Thank you, Ilarion, and thank you to the rest of you.


----------



## Dim7 (Apr 24, 2009)

Gender-specific pronouns suck.


----------



## TxllxT (Mar 2, 2011)

The praise Huilunsoittaja likes best: praise her favourite composer


----------



## ComposerOfAvantGarde (Dec 2, 2011)

I bet Glazunov had hot abs.


----------



## Ilarion (May 22, 2015)

I am very ashamed and embarrassed to have caused Huilunsoittaja such duress and discomfort by my associating her with the masculine gender. I ask her to forgive me for my absentmindedness in this respect. FWIW, my wife got a big kick out of my silly mistake


----------



## Manxfeeder (Oct 19, 2010)

ComposerOfAvantGarde said:


> Huilunsottaja is one of my favourite members :tiphat: except for all the Russian music..


She's one of my favorite members especially for the Russian music. Before her, I thought I was the only one who liked Glazunov.


----------



## Huilunsoittaja (Apr 6, 2010)

As if I hadn't been having enough amusement lately (and this thread is *ahem* _heavily _amusing), my Ghost Lover gave me a _pastorale _greeting this evening on the radio (_listening to it currently as I write this_), and I thought of you guys as well. If I dedicate this thread no longer to the glorification of myself by to only musings to do with _him_, would that be okay? I can call it the "adventures of Huilunsoittaja among the dead" or something like that? And then you all can ignore my ghost-relevant posts in the Life thread. It's my way of being self-forgetful. 

Or I might just make some fanciful quasi-fiction blog series. 

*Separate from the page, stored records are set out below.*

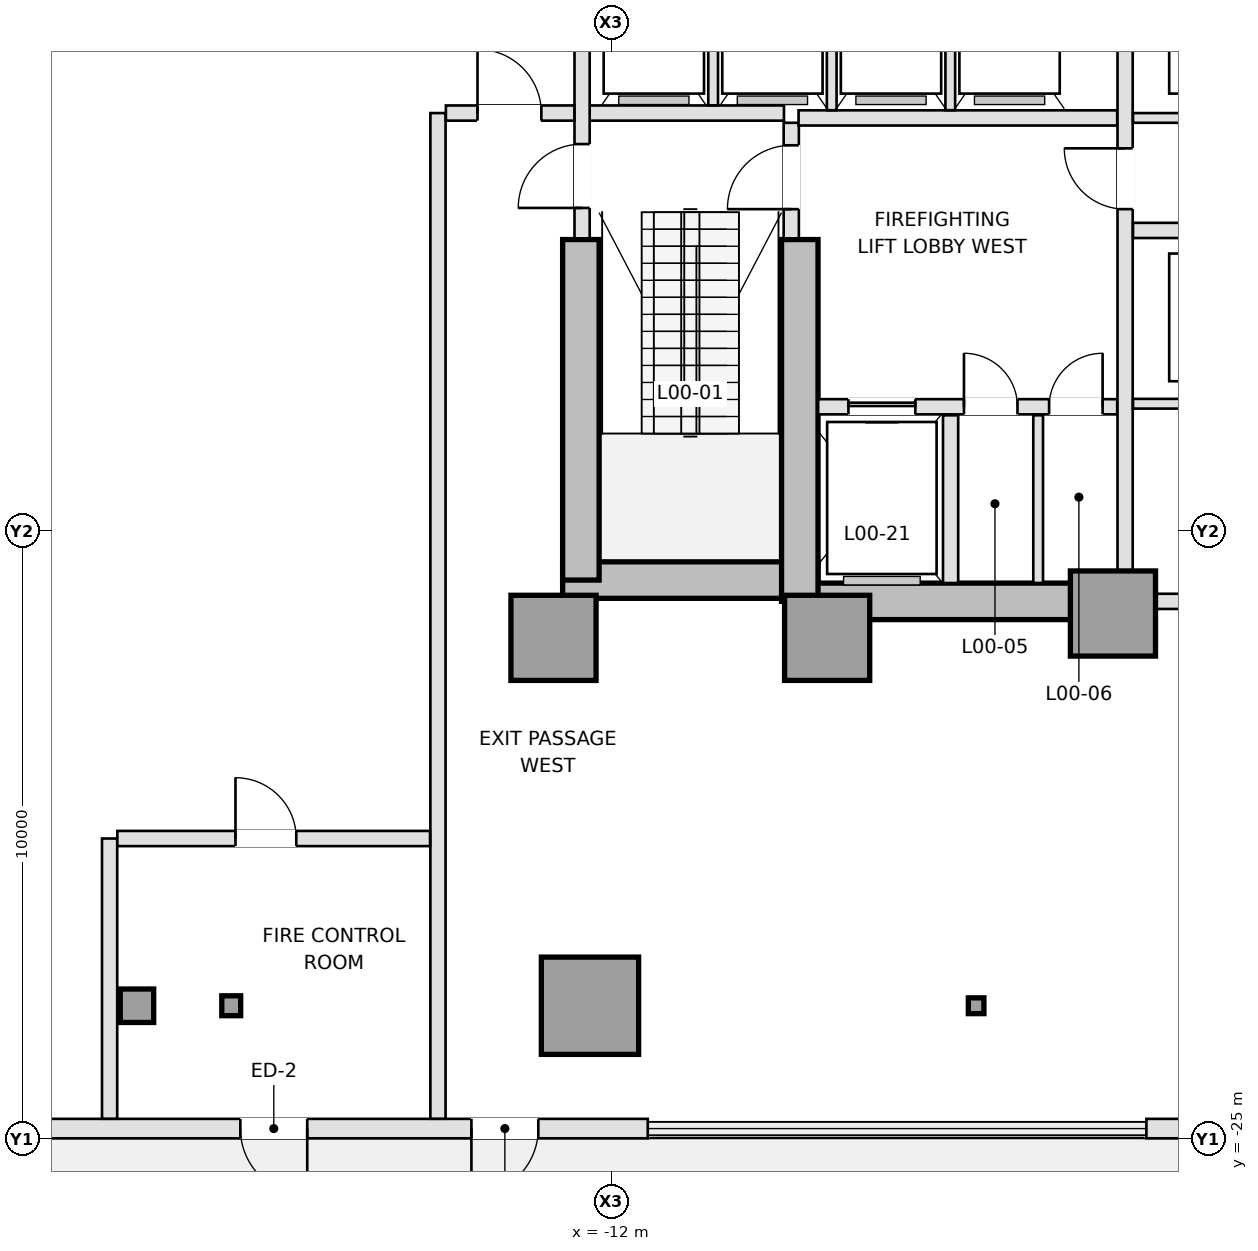
"""IFC4 building model, lengths in metres.
Left out: names, types, materials, properties, quantities, classifications, styles, units other than length and angle.
Written with IfcOpenShell. Run it as: python <this file> out.ifc"""

import sys

from ifc_helpers import new_model, si_unit, direction, frame, frame_2d, origin, origin_2d, place, context, subcontext, project, spatial, rectangle, i_section, extrude, element, fill, save


model = new_model("IFC4")
c1 = context("Model", 3, precision=1e-05, world=origin(), true_north=direction((0.0, 1.0)))
c2 = subcontext(c1, "Body", "Model", "MODEL_VIEW")
j1 = project(units=[si_unit("LENGTHUNIT", "METRE"), si_unit("PLANEANGLEUNIT", "RADIAN")], contexts=[c1])
p1 = place(None, origin())
s1 = spatial("IfcSite", under=j1, at=p1, CompositionType="ELEMENT")
p2 = place(p1, origin())
s2 = spatial("IfcBuilding", under=s1, at=p2, CompositionType="ELEMENT")
p3 = place(p2, origin())
s3 = spatial("IfcBuildingStorey", under=s2, at=p3, CompositionType="ELEMENT", Elevation=0.0)
p4 = place(p3, frame((-12.8, -15.8, 0.0), z_axis=(0.0, 0.0, 1.0), x_axis=(1.0, 0.0, 0.0)))
e1 = element("IfcWall", 1, at=p4, inside=s3, PredefinedType="SHEAR", context=c2, shape_type="SweptSolid", body=[
    extrude(rectangle(XDim=4.2, YDim=0.6, at=frame_2d((2.1, 0.0))), origin(), (0.0, 0.0, 1.0), 5.0),
])
p5 = place(p3, frame((-8.9, -16.15, 0.0), z_axis=(0.0, 0.0, 1.0), x_axis=(1.0, 0.0, 0.0)))
e2 = element("IfcWall", 2, at=p5, inside=s3, PredefinedType="SHEAR", context=c2, shape_type="SweptSolid", body=[
    extrude(rectangle(XDim=5.15, YDim=0.6, at=frame_2d((2.575, 0.0))), origin(), (0.0, 0.0, 1.0), 5.0),
])
p6 = place(p3, frame((-12.5, -15.8, 0.0), z_axis=(0.0, 0.0, 1.0), x_axis=(0.0, 1.0, 0.0)))
e3 = element("IfcWall", 3, at=p6, inside=s3, PredefinedType="SHEAR", context=c2, shape_type="SweptSolid", body=[
    extrude(rectangle(XDim=5.6, YDim=0.6, at=frame_2d((2.8, 0.0))), origin(), (0.0, 0.0, 1.0), 5.0),
])
p7 = place(p3, frame((-8.9, -16.15, 0.0), z_axis=(0.0, 0.0, 1.0), x_axis=(0.0, 1.0, 0.0)))
e4 = element("IfcWall", 4, at=p7, inside=s3, PredefinedType="SHEAR", context=c2, shape_type="SweptSolid", body=[
    extrude(rectangle(XDim=5.95, YDim=0.6, at=frame_2d((2.975, 0.0))), origin(), (0.0, 0.0, 1.0), 5.0),
])
for number, where, z_axis, x_axis in (
    (5, (-12.95, -16.75, 0.0), (0.0, 0.0, 1.0), (1.0, 0.0, 0.0)),
    (6, (-8.45, -16.75, 0.0), (0.0, 0.0, 1.0), (1.0, 0.0, 0.0)),
    (7, (-3.75, -16.35, 0.0), (0.0, 0.0, 1.0), (1.0, 0.0, 0.0)),
):
    element("IfcColumn", number, at=place(p3, frame(where, z_axis=z_axis, x_axis=x_axis)), inside=s3, PredefinedType="COLUMN", context=c2, shape_type="SweptSolid", body=[
        extrude(rectangle(XDim=1.4, YDim=1.4, at=origin_2d()), origin(), (0.0, 0.0, 1.0), 5.0),
    ])
p8 = place(p3, frame((-12.35, -22.8, 0.0), z_axis=(0.0, 0.0, 1.0), x_axis=(1.0, 0.0, 0.0)))
e8 = element("IfcColumn", 8, at=p8, inside=s3, PredefinedType="COLUMN", context=c2, shape_type="SweptSolid", body=[
    extrude(rectangle(XDim=1.6, YDim=1.6, at=origin_2d()), origin(), (0.0, 0.0, 1.0), 5.0),
])
p9 = place(p3, frame((-18.25, -22.8, 0.0), z_axis=(0.0, 0.0, 1.0), x_axis=(1.0, 0.0, 0.0)))
e9 = element("IfcColumn", 9, at=p9, inside=s3, PredefinedType="COLUMN", context=c2, shape_type="SweptSolid", body=[
    extrude(i_section(OverallWidth=0.311, OverallDepth=0.327, WebThickness=0.016, FlangeThickness=0.025, FilletRadius=0.017, at=origin_2d()), origin(), (0.0, 0.0, 1.0), 5.0),
])
p10 = place(p3, frame((-6.0, -22.8, 0.0), z_axis=(0.0, 0.0, 1.0), x_axis=(1.0, 0.0, 0.0)))
e10 = element("IfcColumn", 10, at=p10, inside=s3, PredefinedType="COLUMN", context=c2, shape_type="SweptSolid", body=[
    extrude(i_section(OverallWidth=0.256, OverallDepth=0.26, WebThickness=0.01, FlangeThickness=0.017, FilletRadius=0.014, at=origin_2d()), origin(), (0.0, 0.0, 1.0), 5.0),
])
p11 = place(p3, frame((-19.8, -22.8, 0.0), z_axis=(0.0, 0.0, 1.0), x_axis=(1.0, 0.0, 0.0)))
e11 = element("IfcColumn", 11, at=p11, inside=s3, PredefinedType="PILASTER", context=c2, shape_type="SweptSolid", body=[
    extrude(rectangle(XDim=0.55, YDim=0.55, at=origin_2d()), origin(), (0.0, 0.0, 1.0), 5.0),
])
p12 = place(p3, frame((3.2, -24.82, 0.0), z_axis=(0.0, 0.0, 1.0), x_axis=(-1.0, 0.0, 0.0)))
e12 = element("IfcWall", 12, at=p12, inside=s3, PredefinedType="STANDARD", context=c2, shape_type="SweptSolid", body=[
    extrude(rectangle(XDim=6.4, YDim=0.32, at=frame_2d((3.2, 0.0))), origin(), (0.0, 0.0, 1.0), 4.7),
])
p13 = place(p12, frame((2.2, 0.0, 0.0)))
e13 = element("IfcOpeningElement", 13, at=p13, cuts=e12, PredefinedType="OPENING", context=c2, shape_type="SweptSolid", body=[
    extrude(rectangle(XDim=2.0, YDim=2.4, at=frame_2d((1.0, 1.2))), frame((0.0, 0.17, 0.0), z_axis=(0.0, -1.0, 0.0), x_axis=(1.0, 0.0, 0.0)), (0.0, 0.0, 1.0), 0.34),
])
p14 = place(p3, frame((-11.4, -24.82, 0.0), z_axis=(0.0, 0.0, 1.0), x_axis=(-1.0, 0.0, 0.0)))
e14 = element("IfcWall", 14, at=p14, inside=s3, PredefinedType="STANDARD", context=c2, shape_type="SweptSolid", body=[
    extrude(rectangle(XDim=13.2, YDim=0.32, at=frame_2d((6.6, 0.0))), origin(), (0.0, 0.0, 1.0), 4.7),
])
p15 = place(p14, frame((1.8, 0.0, 0.0)))
e15 = element("IfcOpeningElement", 15, at=p15, cuts=e14, PredefinedType="OPENING", context=c2, shape_type="SweptSolid", body=[
    extrude(rectangle(XDim=1.1, YDim=2.2, at=frame_2d((0.55, 1.1))), frame((0.0, 0.17, 0.0), z_axis=(0.0, -1.0, 0.0), x_axis=(1.0, 0.0, 0.0)), (0.0, 0.0, 1.0), 0.34),
])
p16 = place(p14, frame((5.6, 0.0, 0.0)))
e16 = element("IfcOpeningElement", 16, at=p16, cuts=e14, PredefinedType="OPENING", context=c2, shape_type="SweptSolid", body=[
    extrude(rectangle(XDim=1.1, YDim=2.2, at=frame_2d((0.55, 1.1))), frame((0.0, 0.17, 0.0), z_axis=(0.0, -1.0, 0.0), x_axis=(1.0, 0.0, 0.0)), (0.0, 0.0, 1.0), 0.34),
])
p17 = place(p3, frame((-9.04, -10.18, 0.0), z_axis=(0.0, 0.0, 1.0), x_axis=(0.0, 1.0, 0.0)))
e17 = element("IfcWall", 17, at=p17, inside=s3, PredefinedType="PARTITIONING", context=c2, shape_type="SweptSolid", body=[
    extrude(rectangle(XDim=1.9, YDim=0.25, at=frame_2d((0.95, 0.0))), origin(), (0.0, 0.0, 1.0), 4.7),
])
p18 = place(p17, frame((0.48, 0.0, 0.0)))
e18 = element("IfcOpeningElement", 18, at=p18, cuts=e17, PredefinedType="OPENING", context=c2, shape_type="SweptSolid", body=[
    extrude(rectangle(XDim=1.05, YDim=2.15, at=frame_2d((0.525, 1.075))), frame((0.0, 0.135, 0.0), z_axis=(0.0, -1.0, 0.0), x_axis=(1.0, 0.0, 0.0)), (0.0, 0.0, 1.0), 0.27),
])
p19 = place(p3, frame((-12.38, -8.12, 0.0), z_axis=(0.0, 0.0, 1.0), x_axis=(1.0, 0.0, 0.0)))
e19 = element("IfcWall", 19, at=p19, inside=s3, PredefinedType="PARTITIONING", context=c2, shape_type="SweptSolid", body=[
    extrude(rectangle(XDim=3.22, YDim=0.25, at=frame_2d((1.61, 0.0))), origin(), (0.0, 0.0, 1.0), 4.7),
])
p20 = place(p3, frame((-12.48, -10.18, 0.0), z_axis=(0.0, 0.0, 1.0), x_axis=(0.0, 1.0, 0.0)))
e20 = element("IfcWall", 20, at=p20, inside=s3, PredefinedType="PARTITIONING", context=c2, shape_type="SweptSolid", body=[
    extrude(rectangle(XDim=4.678, YDim=0.25, at=frame_2d((2.339, 0.0))), origin(), (0.0, 0.0, 1.0), 4.7),
])
p21 = place(p20, frame((0.5, 0.0, 0.0)))
e21 = element("IfcOpeningElement", 21, at=p21, cuts=e20, PredefinedType="OPENING", context=c2, shape_type="SweptSolid", body=[
    extrude(rectangle(XDim=1.05, YDim=2.15, at=frame_2d((0.525, 1.075))), frame((0.0, 0.135, 0.0), z_axis=(0.0, -1.0, 0.0), x_axis=(1.0, 0.0, 0.0)), (0.0, 0.0, 1.0), 0.27),
])
p22 = place(p3, frame((-8.598, -12.95, 0.0), z_axis=(0.0, 0.0, 1.0), x_axis=(1.0, 0.0, 0.0)))
e22 = element("IfcWall", 22, at=p22, inside=s3, PredefinedType="PARTITIONING", context=c2, shape_type="SweptSolid", body=[
    extrude(rectangle(XDim=4.918, YDim=0.25, at=frame_2d((2.459, 0.0))), origin(), (0.0, 0.0, 1.0), 4.7),
])
p23 = place(p22, frame((0.498, 0.0, 0.0)))
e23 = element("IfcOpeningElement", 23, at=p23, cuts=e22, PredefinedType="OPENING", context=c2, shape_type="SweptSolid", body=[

On a side note... you wouldn't believe what I find most amusing, what I may choose to laugh at, and what _really _pushes my buttons about him. _No amount of alcohol in my system will ever make me supposedly "admit" certain things I feel about him though,* I guarantee you.*_


----------



## ComposerOfAvantGarde (Dec 2, 2011)

You should write a story called Being Alexander Glazunov, like Being John Malkovich......but Glazunov.


----------



## Huilunsoittaja (Apr 6, 2010)

I'm feeling crummy today and the weather is also cold and rainy and I have work to do and chores eventually and argharghargh, but he came on radio again like a sunbeam coming through the clouds. Har har har, didn't see THAT coming.  But I sorta didn't either. So there's just enough novelty in the shtick, even 8 years later. That's how you know we're still thriving.  I guess I got what I wished for cuz I was really craving his music yesterday after eating a bunch of sugar, but he didn't come on while I was driving. I need more candy again cuz I still feel crummy... Hold me... Come back! :c 

And then there was that wonderful DREAM last night... My subconscious is calling me: go back to your musicology research, Flutey, it's been too long...


----------



## ComposerOfAvantGarde (Dec 2, 2011)

Musicology is great, but I get the feeling they end up as the butt of all the jokes where I'm from, as in, they're not _really_ musicians when they study musicology right? :lol:


----------



## Huilunsoittaja (Apr 6, 2010)

ComposerOfAvantGarde said:


> Musicology is great, but I get the feeling they end up as the butt of all the jokes where I'm from, as in, they're not _really_ musicians when they study musicology right? :lol:


Possibly, and I too would just call them scholars of music. In my case "musicological research" is a euphemism for a much darker reality...


----------